Advocate for user friendly authentication

There is no one-size-fits-all approach to authenticating an individual’s identity. The term is loose and can be applied to a variety of methods – from so-called ‘Strong Authentication,’ a variant of Two-Factor Authentication now a requirement for transactions over €30 in Europe, to hard-token authentication, where a physical token is required to gain access. These systems vary in the amount of security they provide – with some even deliberately hindering user experience to emphasize the importance of the access they provide.

“People won’t accept more security than they think they need.” – Google’s Mark Risher

The use of user names/password logins were created at a point in time when the experience of the user was not a prime concern. Today, the user is driving what authentication solutions should look like. New digital variants help make authentication a relatively frictionless experience – with little to no impact on user experience. A bank portal, for example, might ask a banking customer for a password as one factor, or way, of authenticating their identity. But, if more stringent access controls are required, the bank may also demand a Time-Based One-Time Password (TOTP) – a single-use and time-stamped random code – issued from an app installed on the customer’s mobile phone. This additional verification is completed by the customer without leaving their mobile phone. The key, you must keep it simple. Mark Risher, who manages Google’s identity systems says, “People won’t accept more security than they think they need.”
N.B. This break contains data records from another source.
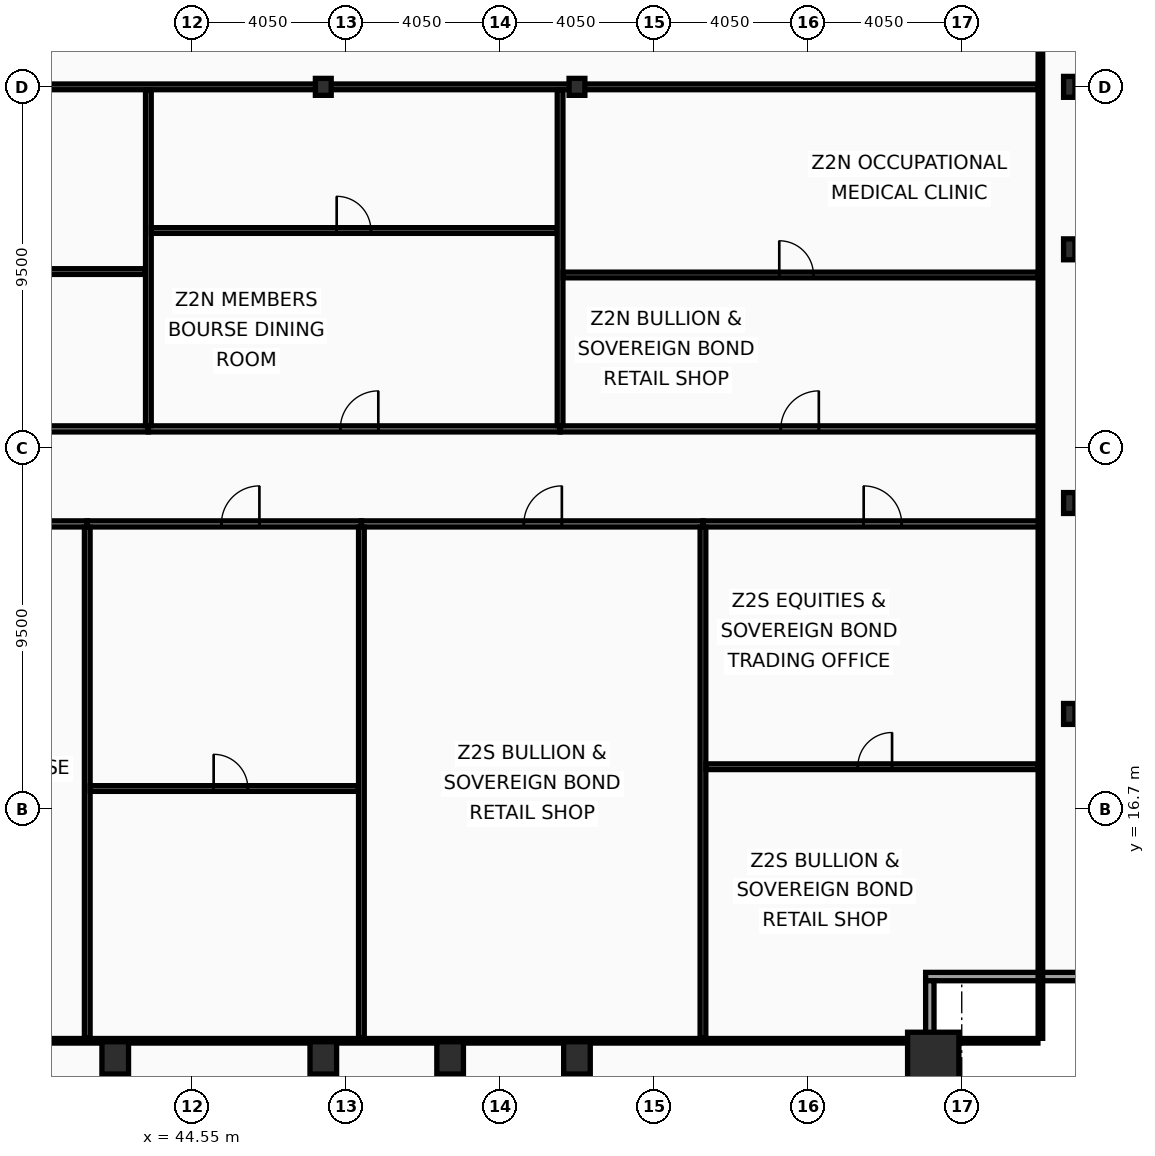
"""IFC4 building model, lengths in metres.
Left out: names, types, materials, properties, quantities, classifications, styles, units other than length and angle.
Written with IfcOpenShell. Run it as: python <this file> out.ifc"""

import sys

from ifc_helpers import new_model, si_unit, direction, frame, frame_2d, origin, origin_2d, place, context, subcontext, project, spatial, rectangle, hollow_rectangle, i_section, extrude, element, fill, save


model = new_model("IFC4")
c1 = context("Model", 3, precision=1e-05, world=origin(), true_north=direction((0.0, 1.0)))
c2 = subcontext(c1, "Body", "Model", "MODEL_VIEW")
j1 = project(units=[si_unit("LENGTHUNIT", "METRE"), si_unit("PLANEANGLEUNIT", "RADIAN")], contexts=[c1])
p1 = place(None, origin())
s1 = spatial("IfcSite", under=j1, at=p1, CompositionType="ELEMENT")
p2 = place(p1, origin())
s2 = spatial("IfcBuilding", under=s1, at=p2, CompositionType="ELEMENT")
p3 = place(p2, frame((0.0, 0.0, 143.4)))
s3 = spatial("IfcBuildingStorey", under=s2, at=p3, CompositionType="ELEMENT", Elevation=143.4)
p4 = place(p3, frame((64.05, 10.15, 0.0), z_axis=(0.0, 0.0, 1.0), x_axis=(1.0, 0.0, 0.0)))
e1 = element("IfcColumn", 1, at=p4, inside=s3, PredefinedType="COLUMN", context=c2, shape_type="SweptSolid", body=[
    extrude(hollow_rectangle(XDim=1.35, YDim=1.35, WallThickness=0.065, at=origin_2d()), origin(), (0.0, 0.0, 1.0), 3.6),
])
for number, where, z_axis, x_axis in (
    (2, (42.525, 10.15, 0.0), (0.0, 0.0, 1.0), (1.0, 0.0, 0.0)),
    (3, (48.0, 10.15, 0.0), (0.0, 0.0, 1.0), (1.0, 0.0, 0.0)),
    (4, (51.337, 10.15, 0.0), (0.0, 0.0, 1.0), (1.0, 0.0, 0.0)),
    (5, (54.675, 10.15, 0.0), (0.0, 0.0, 1.0), (1.0, 0.0, 0.0)),
):
    element("IfcColumn", number, at=place(p3, frame(where, z_axis=z_axis, x_axis=x_axis)), inside=s3, PredefinedType="COLUMN", context=c2, shape_type="SweptSolid", body=[
        extrude(hollow_rectangle(XDim=0.7, YDim=0.85, WallThickness=0.05, at=origin_2d()), origin(), (0.0, 0.0, 1.0), 3.6),
    ])
for number, where, z_axis, x_axis in (
    (6, (67.63, 19.2, 0.0), (0.0, 0.0, 1.0), (1.0, 0.0, 0.0)),
    (7, (67.63, 24.75, 0.0), (0.0, 0.0, 1.0), (1.0, 0.0, 0.0)),
    (8, (67.63, 31.425, 0.0), (0.0, 0.0, 1.0), (1.0, 0.0, 0.0)),
    (9, (67.63, 35.7, 0.0), (0.0, 0.0, 1.0), (1.0, 0.0, 0.0)),
):
    element("IfcColumn", number, at=place(p3, frame(where, z_axis=z_axis, x_axis=x_axis)), inside=s3, PredefinedType="COLUMN", context=c2, shape_type="SweptSolid", body=[
        extrude(i_section(OverallWidth=0.3, OverallDepth=0.55, WebThickness=0.015, FlangeThickness=0.029, at=origin_2d()), origin(), (0.0, 0.0, 1.0), 3.6),
    ])
for number, where, z_axis, x_axis in (
    (10, (48.0, 35.7, 0.0), (0.0, 0.0, 1.0), (1.0, 0.0, 0.0)),
    (11, (54.675, 35.7, 0.0), (0.0, 0.0, 1.0), (1.0, 0.0, 0.0)),
):
    element("IfcColumn", number, at=place(p3, frame(where, z_axis=z_axis, x_axis=x_axis)), inside=s3, PredefinedType="COLUMN", context=c2, shape_type="SweptSolid", body=[
        extrude(i_section(OverallWidth=0.416, OverallDepth=0.446, WebThickness=0.039, FlangeThickness=0.063, at=origin_2d()), origin(), (0.0, 0.0, 1.0), 3.6),
    ])
p5 = place(p3, frame((68.07, 12.29, 0.0), z_axis=(0.0, 0.0, 1.0), x_axis=(-1.0, 0.0, 0.0)))
e12 = element("IfcWall", 12, at=p5, inside=s3, PredefinedType="SOLIDWALL", context=c2, shape_type="SweptSolid", body=[
    extrude(rectangle(XDim=4.22, YDim=0.22, at=frame_2d((2.11, 0.0))), origin(), (0.0, 0.0, 1.0), 2.83),
])
p6 = place(p3, frame((63.96, 12.18, 0.0), z_axis=(0.0, 0.0, 1.0), x_axis=(0.0, -1.0, 0.0)))
e13 = element("IfcWall", 13, at=p6, inside=s3, PredefinedType="SOLIDWALL", context=c2, shape_type="SweptSolid", body=[
    extrude(rectangle(XDim=3.91, YDim=0.22, at=frame_2d((1.955, 0.0))), origin(), (0.0, 0.0, 1.0), 2.83),
])
p7 = place(p3, frame((34.886, 24.2, 0.0), z_axis=(0.0, 0.0, 1.0), x_axis=(1.0, 0.0, 0.0)))
e14 = element("IfcWall", 14, at=p7, inside=s3, PredefinedType="PARTITIONING", context=c2, shape_type="SweptSolid", body=[
    extrude(rectangle(XDim=6.902, YDim=0.16, at=frame_2d((3.451, 0.0))), origin(), (0.0, 0.0, 1.0), 3.44),
])
p8 = place(p7, frame((3.399, 0.0, 0.0)))
e15 = element("IfcOpeningElement", 15, at=p8, cuts=e14, PredefinedType="OPENING", context=c2, shape_type="SweptSolid", body=[
    extrude(rectangle(XDim=1.0, YDim=2.05, at=frame_2d((0.5, 1.025))), frame((0.0, 0.09, 0.0), z_axis=(0.0, -1.0, 0.0), x_axis=(1.0, 0.0, 0.0)), (0.0, 0.0, 1.0), 0.18),
])
p9 = place(p3, frame((41.789, 24.2, 0.0), z_axis=(0.0, 0.0, 1.0), x_axis=(1.0, 0.0, 0.0)))
e16 = element("IfcWall", 16, at=p9, inside=s3, PredefinedType="PARTITIONING", context=c2, shape_type="SweptSolid", body=[
    extrude(rectangle(XDim=7.214, YDim=0.16, at=frame_2d((3.607, 0.0))), origin(), (0.0, 0.0, 1.0), 2.73),
])
p10 = place(p9, frame((3.53, 0.0, 0.0)))
e17 = element("IfcOpeningElement", 17, at=p10, cuts=e16, PredefinedType="OPENING", context=c2, shape_type="SweptSolid", body=[
    extrude(rectangle(XDim=1.0, YDim=2.05, at=frame_2d((0.5, 1.025))), frame((0.0, 0.09, 0.0), z_axis=(0.0, -1.0, 0.0), x_axis=(1.0, 0.0, 0.0)), (0.0, 0.0, 1.0), 0.18),
])
p11 = place(p3, frame((41.789, 10.665, 0.0), z_axis=(0.0, 0.0, 1.0), x_axis=(0.0, 1.0, 0.0)))
e18 = element("IfcWall", 18, at=p11, inside=s3, PredefinedType="PARTITIONING", context=c2, shape_type="SweptSolid", body=[
    extrude(rectangle(XDim=13.45, YDim=0.15, at=frame_2d((6.725, 0.0))), origin(), (0.0, 0.0, 1.0), 2.93),
])
p12 = place(p3, frame((41.869, 17.238, 0.0), z_axis=(0.0, 0.0, 1.0), x_axis=(1.0, 0.0, 0.0)))
e19 = element("IfcWall", 19, at=p12, inside=s3, PredefinedType="PARTITIONING", context=c2, shape_type="SweptSolid", body=[
    extrude(rectangle(XDim=7.054, YDim=0.15, at=frame_2d((3.527, 0.0))), origin(), (0.0, 0.0, 1.0), 2.73),
])
p13 = place(p12, frame((3.246, 0.0, 0.0)))
e20 = element("IfcOpeningElement", 20, at=p13, cuts=e19, PredefinedType="OPENING", context=c2, shape_type="SweptSolid", body=[
    extrude(rectangle(XDim=0.9, YDim=2.05, at=frame_2d((0.45, 1.025))), frame((0.0, 0.085, 0.0), z_axis=(0.0, -1.0, 0.0), x_axis=(1.0, 0.0, 0.0)), (0.0, 0.0, 1.0), 0.17),
])
p14 = place(p3, frame((49.003, 24.2, 0.0), z_axis=(0.0, 0.0, 1.0), x_axis=(1.0, 0.0, 0.0)))
e21 = element("IfcWall", 21, at=p14, inside=s3, PredefinedType="PARTITIONING", context=c2, shape_type="SweptSolid", body=[
    extrude(rectangle(XDim=8.988, YDim=0.16, at=frame_2d((4.494, 0.0))), origin(), (0.0, 0.0, 1.0), 2.73),
])
p15 = place(p14, frame((4.275, 0.0, 0.0)))
e22 = element("IfcOpeningElement", 22, at=p15, cuts=e21, PredefinedType="OPENING", context=c2, shape_type="SweptSolid", body=[
    extrude(rectangle(XDim=1.0, YDim=2.05, at=frame_2d((0.5, 1.025))), frame((0.0, 0.09, 0.0), z_axis=(0.0, -1.0, 0.0), x_axis=(1.0, 0.0, 0.0)), (0.0, 0.0, 1.0), 0.18),
])
p16 = place(p3, frame((49.003, 10.665, 0.0), z_axis=(0.0, 0.0, 1.0), x_axis=(0.0, 1.0, 0.0)))
e23 = element("IfcWall", 23, at=p16, inside=s3, PredefinedType="PARTITIONING", context=c2, shape_type="SweptSolid", body=[
    extrude(rectangle(XDim=13.45, YDim=0.15, at=frame_2d((6.725, 0.0))), origin(), (0.0, 0.0, 1.0), 2.93),
])
p17 = place(p3, frame((57.99, 24.2, 0.0), z_axis=(0.0, 0.0, 1.0), x_axis=(1.0, 0.0, 0.0)))
e24 = element("IfcWall", 24, at=p17, inside=s3, PredefinedType="PARTITIONING", context=c2, shape_type="SweptSolid", body=[
    extrude(rectangle(XDim=8.88, YDim=0.16, at=frame_2d((4.44, 0.0))), origin(), (0.0, 0.0, 1.0), 3.44),
])
p18 = place(p17, frame((4.229, 0.0, 0.0)))
e25 = element("IfcOpeningElement", 25, at=p18, cuts=e24, PredefinedType="OPENING", context=c2, shape_type="SweptSolid", body=[
    extrude(rectangle(XDim=1.0, YDim=2.05, at=frame_2d((0.5, 1.025))), frame((0.0, 0.09, 0.0), z_axis=(0.0, -1.0, 0.0), x_axis=(1.0, 0.0, 0.0)), (0.0, 0.0, 1.0), 0.18),
])
p19 = place(p3, frame((57.99, 10.665, 0.0), z_axis=(0.0, 0.0, 1.0), x_axis=(0.0, 1.0, 0.0)))
e26 = element("IfcWall", 26, at=p19, inside=s3, PredefinedType="PARTITIONING", context=c2, shape_type="SweptSolid", body=[
    extrude(rectangle(XDim=13.45, YDim=0.15, at=frame_2d((6.725, 0.0))), origin(), (0.0, 0.0, 1.0), 2.73),
])
p20 = place(p3, frame((58.07, 17.811, 0.0), z_axis=(0.0, 0.0, 1.0), x_axis=(1.0, 0.0, 0.0)))
e27 = element("IfcWall", 27, at=p20, inside=s3, PredefinedType="PARTITIONING", context=c2, shape_type="SweptSolid", body=[
    extrude(rectangle(XDim=8.735, YDim=0.15, at=frame_2d((4.367, 0.0))), origin(), (0.0, 0.0, 1.0), 2.83),
])
p21 = place(p20, frame((3.996, 0.0, 0.0)))
e28 = element("IfcOpeningElement", 28, at=p21, cuts=e27, PredefinedType="OPENING", context=c2, shape_type="SweptSolid", body=[
    extrude(rectangle(XDim=0.9, YDim=2.05, at=frame_2d((0.45, 1.025))), frame((0.0, 0.085, 0.0), z_axis=(0.0, -1.0, 0.0), x_axis=(1.0, 0.0, 0.0)), (0.0, 0.0, 1.0), 0.17),
])
p22 = place(p3, frame((21.81, 35.7, 0.0), z_axis=(0.0, 0.0, 1.0), x_axis=(1.0, 0.0, 0.0)))
e29 = element("IfcWall", 29, at=p22, inside=s3, PredefinedType="PARTITIONING", context=c2, shape_type="SweptSolid", body=[
    extrude(rectangle(XDim=44.995, YDim=0.15, at=frame_2d((22.498, 0.0))), origin(), (0.0, 0.0, 1.0), 2.73),
])
p23 = place(p3, frame((33.466, 26.7, 0.0), z_axis=(0.0, 0.0, 1.0), x_axis=(1.0, 0.0, 0.0)))
e30 = element("IfcWall", 30, at=p23, inside=s3, PredefinedType="PARTITIONING", context=c2, shape_type="SweptSolid", body=[
    extrude(rectangle(XDim=9.931, YDim=0.16, at=frame_2d((4.965, 0.0))), origin(), (0.0, 0.0, 1.0), 2.73),
])
p24 = place(p23, frame((4.671, 0.0, 0.0)))
e31 = element("IfcOpeningElement", 31, at=p24, cuts=e30, PredefinedType="OPENING", context=c2, shape_type="SweptSolid", body=[
    extrude(rectangle(XDim=1.0, YDim=2.05, at=frame_2d((0.5, 1.025))), frame((0.0, 0.09, 0.0), z_axis=(0.0, -1.0, 0.0), x_axis=(1.0, 0.0, 0.0)), (0.0, 0.0, 1.0), 0.18),
])
p25 = place(p3, frame((33.546, 30.84, 0.0), z_axis=(0.0, 0.0, 1.0), x_axis=(1.0, 0.0, 0.0)))
e32 = element("IfcWall", 32, at=p25, inside=s3, PredefinedType="PARTITIONING", context=c2, shape_type="SweptSolid", body=[
    extrude(rectangle(XDim=9.771, YDim=0.15, at=frame_2d((4.885, 0.0))), origin(), (0.0, 0.0, 1.0), 2.73),
])
p26 = place(p25, frame((4.469, 0.0, 0.0)))
e33 = element("IfcOpeningElement", 33, at=p26, cuts=e32, PredefinedType="OPENING", context=c2, shape_type="SweptSolid", body=[
    extrude(rectangle(XDim=0.9, YDim=2.05, at=frame_2d((0.45, 1.025))), frame((0.0, 0.085, 0.0), z_axis=(0.0, -1.0, 0.0), x_axis=(1.0, 0.0, 0.0)), (0.0, 0.0, 1.0), 0.17),
])
p27 = place(p3, frame((43.397, 26.7, 0.0), z_axis=(0.0, 0.0, 1.0), x_axis=(1.0, 0.0, 0.0)))
e34 = element("IfcWall", 34, at=p27, inside=s3, PredefinedType="PARTITIONING", context=c2, shape_type="SweptSolid", body=[
    extrude(rectangle(XDim=10.833, YDim=0.16, at=frame_2d((5.417, 0.0))), origin(), (0.0, 0.0, 1.0), 2.73),
])
p28 = place(p27, frame((5.05, 0.0, 0.0)))
e35 = element("IfcOpeningElement", 35, at=p28, cuts=e34, PredefinedType="OPENING", context=c2, shape_type="SweptSolid", body=[
    extrude(rectangle(XDim=1.0, YDim=2.05, at=frame_2d((0.5, 1.025))), frame((0.0, 0.09, 0.0), z_axis=(0.0, -1.0, 0.0), x_axis=(1.0, 0.0, 0.0)), (0.0, 0.0, 1.0), 0.18),
])
p29 = place(p3, frame((43.397, 26.785, 0.0), z_axis=(0.0, 0.0, 1.0), x_axis=(0.0, 1.0, 0.0)))
e36 = element("IfcWall", 36, at=p29, inside=s3, PredefinedType="PARTITIONING", context=c2, shape_type="SweptSolid", body=[
    extrude(rectangle(XDim=8.835, YDim=0.15, at=frame_2d((4.417, 0.0))), origin(), (0.0, 0.0, 1.0), 2.93),
])
p30 = place(p3, frame((43.477, 31.92, 0.0), z_axis=(0.0, 0.0, 1.0), x_axis=(1.0, 0.0, 0.0)))
e37 = element("IfcWall", 37, at=p30, inside=s3, PredefinedType="PARTITIONING", context=c2, shape_type="SweptSolid", body=[
    extrude(rectangle(XDim=10.674, YDim=0.15, at=frame_2d((5.337, 0.0))), origin(), (0.0, 0.0, 1.0), 2.73),
])
p31 = place(p30, frame((4.875, 0.0, 0.0)))
e38 = element("IfcOpeningElement", 38, at=p31, cuts=e37, PredefinedType="OPENING", context=c2, shape_type="SweptSolid", body=[
    extrude(rectangle(XDim=0.9, YDim=2.05, at=frame_2d((0.45, 1.025))), frame((0.0, 0.085, 0.0), z_axis=(0.0, -1.0, 0.0), x_axis=(1.0, 0.0, 0.0)), (0.0, 0.0, 1.0), 0.17),
])
p32 = place(p3, frame((54.231, 26.7, 0.0), z_axis=(0.0, 0.0, 1.0), x_axis=(1.0, 0.0, 0.0)))
e39 = element("IfcWall", 39, at=p32, inside=s3, PredefinedType="PARTITIONING", context=c2, shape_type="SweptSolid", body=[
    extrude(rectangle(XDim=12.639, YDim=0.16, at=frame_2d((6.32, 0.0))), origin(), (0.0, 0.0, 1.0), 2.73),
])
p33 = place(p32, frame((5.809, 0.0, 0.0)))
e40 = element("IfcOpeningElement", 40, at=p33, cuts=e39, PredefinedType="OPENING", context=c2, shape_type="SweptSolid", body=[
    extrude(rectangle(XDim=1.0, YDim=2.05, at=frame_2d((0.5, 1.025))), frame((0.0, 0.09, 0.0), z_axis=(0.0, -1.0, 0.0), x_axis=(1.0, 0.0, 0.0)), (0.0, 0.0, 1.0), 0.18),
])
p34 = place(p3, frame((54.231, 26.785, 0.0), z_axis=(0.0, 0.0, 1.0), x_axis=(0.0, 1.0, 0.0)))
e41 = element("IfcWall", 41, at=p34, inside=s3, PredefinedType="PARTITIONING", context=c2, shape_type="SweptSolid", body=[
    extrude(rectangle(XDim=8.835, YDim=0.15, at=frame_2d((4.417, 0.0))), origin(), (0.0, 0.0, 1.0), 2.73),
])
p35 = place(p3, frame((54.311, 30.75, 0.0), z_axis=(0.0, 0.0, 1.0), x_axis=(1.0, 0.0, 0.0)))
e42 = element("IfcWall", 42, at=p35, inside=s3, PredefinedType="PARTITIONING", context=c2, shape_type="SweptSolid", body=[
    extrude(rectangle(XDim=12.494, YDim=0.15, at=frame_2d((6.247, 0.0))), origin(), (0.0, 0.0, 1.0), 2.73),
])
p36 = place(p35, frame((5.688, 0.0, 0.0)))
e43 = element("IfcOpeningElement", 43, at=p36, cuts=e42, PredefinedType="OPENING", context=c2, shape_type="SweptSolid", body=[
    extrude(rectangle(XDim=0.9, YDim=2.05, at=frame_2d((0.45, 1.025))), frame((0.0, 0.085, 0.0), z_axis=(0.0, -1.0, 0.0), x_axis=(1.0, 0.0, 0.0)), (0.0, 0.0, 1.0), 0.17),
])
p37 = place(p3, frame((66.87, 10.665, 0.0), z_axis=(0.0, 0.0, 1.0), x_axis=(0.0, 1.0, 0.0)))
e44 = element("IfcWall", 44, at=p37, inside=s3, PredefinedType="PARTITIONING", context=c2, shape_type="SweptSolid", body=[
    extrude(rectangle(XDim=42.11, YDim=0.12, at=frame_2d((21.055, 0.0))), origin(), (0.0, 0.0, 1.0), 2.73),
])
p38 = place(p3, frame((6.095, 10.6, 0.0), z_axis=(0.0, 0.0, 1.0), x_axis=(1.0, 0.0, 0.0)))
e45 = element("IfcWall", 45, at=p38, inside=s3, PredefinedType="PARTITIONING", context=c2, shape_type="SweptSolid", body=[
    extrude(rectangle(XDim=60.71, YDim=0.12, at=frame_2d((30.355, 0.0))), origin(), (0.0, 0.0, 1.0), 2.73),
])
p39 = place(p10, origin())
e46 = element("IfcDoor", 46, at=p39, inside=s3, OperationType="SINGLE_SWING_RIGHT", PredefinedType="DOOR", context=c2, shape_type="SweptSolid", body=[
    extrude(rectangle(XDim=1.0, YDim=2.05, at=frame_2d((0.5, 1.025))), frame((0.0, 0.025, 0.0), z_axis=(0.0, -1.0, 0.0), x_axis=(1.0, 0.0, 0.0)), (0.0, 0.0, 1.0), 0.05),
])
fill(e17, e46)
p40 = place(p13, origin())
e47 = element("IfcDoor", 47, at=p40, inside=s3, OperationType="SINGLE_SWING_LEFT", PredefinedType="DOOR", context=c2, shape_type="SweptSolid", body=[
    extrude(rectangle(XDim=0.9, YDim=2.05, at=frame_2d((0.45, 1.025))), frame((0.0, 0.025, 0.0), z_axis=(0.0, -1.0, 0.0), x_axis=(1.0, 0.0, 0.0)), (0.0, 0.0, 1.0), 0.05),
])
fill(e20, e47)
p41 = place(p15, origin())
e48 = element("IfcDoor", 48, at=p41, inside=s3, OperationType="SINGLE_SWING_RIGHT", PredefinedType="DOOR", context=c2, shape_type="SweptSolid", body=[
    extrude(rectangle(XDim=1.0, YDim=2.05, at=frame_2d((0.5, 1.025))), frame((0.0, 0.025, 0.0), z_axis=(0.0, -1.0, 0.0), x_axis=(1.0, 0.0, 0.0)), (0.0, 0.0, 1.0), 0.05),
])
fill(e22, e48)
p42 = place(p18, origin())
e49 = element("IfcDoor", 49, at=p42, inside=s3, OperationType="SINGLE_SWING_LEFT", PredefinedType="DOOR", context=c2, shape_type="SweptSolid", body=[
    extrude(rectangle(XDim=1.0, YDim=2.05, at=frame_2d((0.5, 1.025))), frame((0.0, 0.025, 0.0), z_axis=(0.0, -1.0, 0.0), x_axis=(1.0, 0.0, 0.0)), (0.0, 0.0, 1.0), 0.05),
])
fill(e25, e49)
p43 = place(p21, origin())
e50 = element("IfcDoor", 50, at=p43, inside=s3, OperationType="SINGLE_SWING_RIGHT", PredefinedType="DOOR", context=c2, shape_type="SweptSolid", body=[
    extrude(rectangle(XDim=0.9, YDim=2.05, at=frame_2d((0.45, 1.025))), frame((0.0, 0.025, 0.0), z_axis=(0.0, -1.0, 0.0), x_axis=(1.0, 0.0, 0.0)), (0.0, 0.0, 1.0), 0.05),
])
fill(e28, e50)
p44 = place(p28, origin())
e51 = element("IfcDoor", 51, at=p44, inside=s3, OperationType="SINGLE_SWING_RIGHT", PredefinedType="DOOR", context=c2, shape_type="SweptSolid", body=[
    extrude(rectangle(XDim=1.0, YDim=2.05, at=frame_2d((0.5, 1.025))), frame((0.0, 0.025, 0.0), z_axis=(0.0, -1.0, 0.0), x_axis=(1.0, 0.0, 0.0)), (0.0, 0.0, 1.0), 0.05),
])
fill(e35, e51)
p45 = place(p31, origin())
e52 = element("IfcDoor", 52, at=p45, inside=s3, OperationType="SINGLE_SWING_LEFT", PredefinedType="DOOR", context=c2, shape_type="SweptSolid", body=[
    extrude(rectangle(XDim=0.9, YDim=2.05, at=frame_2d((0.45, 1.025))), frame((0.0, 0.025, 0.0), z_axis=(0.0, -1.0, 0.0), x_axis=(1.0, 0.0, 0.0)), (0.0, 0.0, 1.0), 0.05),
])
fill(e38, e52)
p46 = place(p33, origin())
e53 = element("IfcDoor", 53, at=p46, inside=s3, OperationType="SINGLE_SWING_RIGHT", PredefinedType="DOOR", context=c2, shape_type="SweptSolid", body=[
    extrude(rectangle(XDim=1.0, YDim=2.05, at=frame_2d((0.5, 1.025))), frame((0.0, 0.025, 0.0), z_axis=(0.0, -1.0, 0.0), x_axis=(1.0, 0.0, 0.0)), (0.0, 0.0, 1.0), 0.05),
])
fill(e40, e53)
p47 = place(p36, origin())
e54 = element("IfcDoor", 54, at=p47, inside=s3, OperationType="SINGLE_SWING_LEFT", PredefinedType="DOOR", context=c2, shape_type="SweptSolid", body=[
    extrude(rectangle(XDim=0.9, YDim=2.05, at=frame_2d((0.45, 1.025))), frame((0.0, 0.025, 0.0), z_axis=(0.0, -1.0, 0.0), x_axis=(1.0, 0.0, 0.0)), (0.0, 0.0, 1.0), 0.05),
])
fill(e43, e54)
save(model, sys.argv[1])

Authentication is an integral part of digital business

If digital trust is the new currency of customer experience, authentication is one of the locks holding everything in-place. The average user assesses the safety of an email in just 20 seconds before replying with personal information, says Echoworx in a survey they conducted.  Yet, three quarters of the same people will leave a company who mishandles their data. If people cannot be trusted to safeguard access to their own data, organizations need to ensure a single digital slip-up doesn’t enable fraudulent access.

To make sure that right people enter and access the right information, strong authentication assures organizations that their entire network won’t be compromised by a single person – helping prevent breaches and compliance violations.

The future of authentication is about flexibility

A good user experience is no longer something organizations want – it’s something they need, and your customers expect. And any good experience comes down to how flexible a system is to accommodate user behaviours and changing situations. For authentication, this means access to multiple ways to ensure a recipient is who they say they are – from multi-step processes, like 2FA, to smoother streamlined passwordless biometrics.

But it’s also about the internal user experience. Did you know, for example, that an average employee spends about 11 hours a year entering and resetting passwords? While this may be alleviated with passwordless systems, it all depends on the unique authentication demands of your organization, business and industry.

Biometrics leading the way to a passwordless solutions

From fingerprint readers to facial recognition, biometric authentication is the lock of choice for most existing devices – both desktop and mobile. And, by leveraging web standard APIs, like WebAuthn, organizations can use common devices to easily authenticate. Offering biometrics, along with six additional authentication options, Echoworx enables organizations to access encrypted communications in seconds – streamlining customer and employee experiences.